Introduction to Data Engineering: Overview
Data Engineering Evolution and Fundamentals
- Evolution of Data Engineering
- Early Days:
- Data engineers were originally software engineers focused on building software applications.
- Data generated by these applications was seen as a byproduct or “exhaust,” useful mainly for troubleshooting or monitoring.
- Shift in Perspective:
- Organizations began to recognize the intrinsic value of data as its volume and variety grew.
- Software engineers started building systems specifically for data ingestion, storage, transformation, and serving.
- Emergence of Data Engineering:
- Data engineering became a central function in organizations.
- The role of a data engineer was born to focus on managing data systems and pipelines.

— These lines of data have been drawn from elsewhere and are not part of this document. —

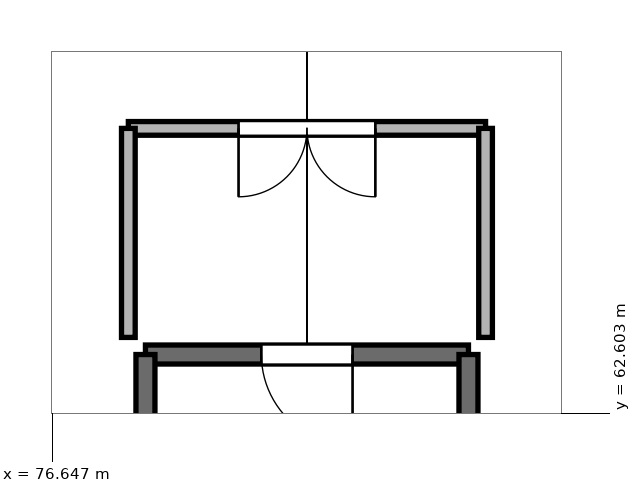
"""IFC4 building model, lengths in metres.
Left out: names, types, materials, properties, quantities, classifications, styles, units other than length and angle.
Written with IfcOpenShell. Run it as: python <this file> out.ifc"""

import sys

from ifc_helpers import new_model, si_unit, direction, frame, frame_2d, origin, place, context, subcontext, project, spatial, rectangle, extrude, element, fill, save


model = new_model("IFC4")
c1 = context("Model", 3, precision=1e-05, world=origin(), true_north=direction((0.0, 1.0)))
c2 = subcontext(c1, "Body", "Model", "MODEL_VIEW")
j1 = project(units=[si_unit("LENGTHUNIT", "METRE"), si_unit("PLANEANGLEUNIT", "RADIAN")], contexts=[c1])
p1 = place(None, origin())
s1 = spatial("IfcSite", under=j1, at=p1, CompositionType="ELEMENT")
p2 = place(p1, origin())
s2 = spatial("IfcBuilding", under=s1, at=p2, CompositionType="ELEMENT")
p3 = place(p2, frame((0.0, 0.0, 34.05)))
s3 = spatial("IfcBuildingStorey", under=s2, at=p3, CompositionType="ELEMENT", Elevation=34.05)
p4 = place(p3, frame((82.125, 63.375, 0.0), z_axis=(0.0, 0.0, 1.0), x_axis=(-1.0, 0.0, 0.0)))
e1 = element("IfcWall", 1, at=p4, inside=s3, PredefinedType="SHEAR", context=c2, shape_type="SweptSolid", body=[
    extrude(rectangle(XDim=4.25, YDim=0.25, at=frame_2d((2.125, 0.0))), origin(), (0.0, 0.0, 1.0), 3.0),
])
p5 = place(p4, frame((1.525, 0.0, 0.0)))
e2 = element("IfcOpeningElement", 2, at=p5, cuts=e1, PredefinedType="OPENING", context=c2, shape_type="SweptSolid", body=[
    extrude(rectangle(XDim=1.2, YDim=2.2, at=frame_2d((0.6, 1.1))), frame((0.0, 0.137, 0.0), z_axis=(0.0, -1.0, 0.0), x_axis=(1.0, 0.0, 0.0)), (0.0, 0.0, 1.0), 0.274),
])
for number, where, z_axis, x_axis in (
    (3, (77.875, 63.375, 0.0), (0.0, 0.0, 1.0), (0.0, -1.0, 0.0)),
    (4, (82.125, 56.175, 0.0), (0.0, 0.0, 1.0), (0.0, 1.0, 0.0)),
):
    element("IfcWall", number, at=place(p3, frame(where, z_axis=z_axis, x_axis=x_axis)), inside=s3, PredefinedType="SHEAR", context=c2, shape_type="SweptSolid", body=[
        extrude(rectangle(XDim=7.2, YDim=0.25, at=frame_2d((3.6, 0.0))), origin(), (0.0, 0.0, 1.0), 3.0),
    ])
p6 = place(p3, frame((77.65, 66.35, 0.0), z_axis=(0.0, 0.0, 1.0), x_axis=(1.0, 0.0, 0.0)))
e5 = element("IfcWall", 5, at=p6, inside=s3, PredefinedType="PARTITIONING", context=c2, shape_type="SweptSolid", body=[
    extrude(rectangle(XDim=4.7, YDim=0.18, at=frame_2d((2.35, 0.0))), origin(), (0.0, 0.0, 1.0), 2.53),
])
p7 = place(p6, frame((1.45, 0.0, 0.0)))
e6 = element("IfcOpeningElement", 6, at=p7, cuts=e5, PredefinedType="OPENING", context=c2, shape_type="SweptSolid", body=[
    extrude(rectangle(XDim=1.8, YDim=2.2, at=frame_2d((0.9, 1.1))), frame((0.0, 0.102, 0.0), z_axis=(0.0, -1.0, 0.0), x_axis=(1.0, 0.0, 0.0)), (0.0, 0.0, 1.0), 0.204),
])
for number, where, z_axis, x_axis in (
    (7, (77.65, 63.6, 0.0), (0.0, 0.0, 1.0), (0.0, 1.0, 0.0)),
    (8, (82.35, 63.6, 0.0), (0.0, 0.0, 1.0), (0.0, 1.0, 0.0)),
):
    element("IfcWall", number, at=place(p3, frame(where, z_axis=z_axis, x_axis=x_axis)), inside=s3, PredefinedType="PARTITIONING", context=c2, shape_type="SweptSolid", body=[
        extrude(rectangle(XDim=2.75, YDim=0.18, at=frame_2d((1.375, 0.0))), origin(), (0.0, 0.0, 1.0), 2.53),
    ])
p8 = place(p5, origin())
e9 = element("IfcDoor", 9, at=p8, inside=s3, OperationType="SINGLE_SWING_LEFT", PredefinedType="DOOR", context=c2, shape_type="SweptSolid", body=[
    extrude(rectangle(XDim=1.2, YDim=2.2, at=frame_2d((0.6, 1.1))), frame((0.0, 0.025, 0.0), z_axis=(0.0, -1.0, 0.0), x_axis=(1.0, 0.0, 0.0)), (0.0, 0.0, 1.0), 0.05),
])
fill(e2, e9)
p9 = place(p7, frame((1.8, 0.0, 0.0), z_axis=(0.0, 0.0, 1.0), x_axis=(-1.0, 0.0, 0.0)))
e10 = element("IfcDoor", 10, at=p9, inside=s3, OperationType="DOUBLE_DOOR_SINGLE_SWING", PredefinedType="DOOR", context=c2, shape_type="SweptSolid", body=[
    extrude(rectangle(XDim=1.8, YDim=2.2, at=frame_2d((0.9, 1.1))), frame((0.0, 0.025, 0.0), z_axis=(0.0, -1.0, 0.0), x_axis=(1.0, 0.0, 0.0)), (0.0, 0.0, 1.0), 0.05),
])
fill(e6, e10)
save(model, sys.argv[1])

- Definition of Data Engineering
- Core Definition:
- Data engineering involves developing, implementing, and maintaining systems that take raw data and produce high-quality, consistent information for downstream use cases like analysis and machine learning.
- Key Components:
- Data engineering sits at the intersection of:
- Security
- Data Management
- DataOps
- Data Architecture
- Orchestration
- Software Engineering
- Data engineering sits at the intersection of:
- Data Engineering Life Cycle
- Stages of the Life Cycle:
- Data Generation: Data is created by source systems (e.g., software applications, user-generated data, sensors).
- Ingestion: Data is collected from source systems.
- Transformation: Data is processed and transformed into a usable format.
- Storage: Data is stored, often spanning across ingestion, transformation, and serving stages.
- Serving: Data is made available for end-use cases.
- End Use Cases:
- Analytics, machine learning, and Reverse ETL (sending processed data back to source systems for additional value).
- Data Pipeline:
- A combination of architecture, systems, and processes that move data through the stages of the life cycle.
- Undercurrents of Data Engineering
- Undercurrents:
- These are overarching themes that span the entire data engineering life cycle:
- Security: Ensuring data is protected.
- Data Management: Organizing and maintaining data.
- DataOps: Streamlining data operations.
- Data Architecture: Designing data systems.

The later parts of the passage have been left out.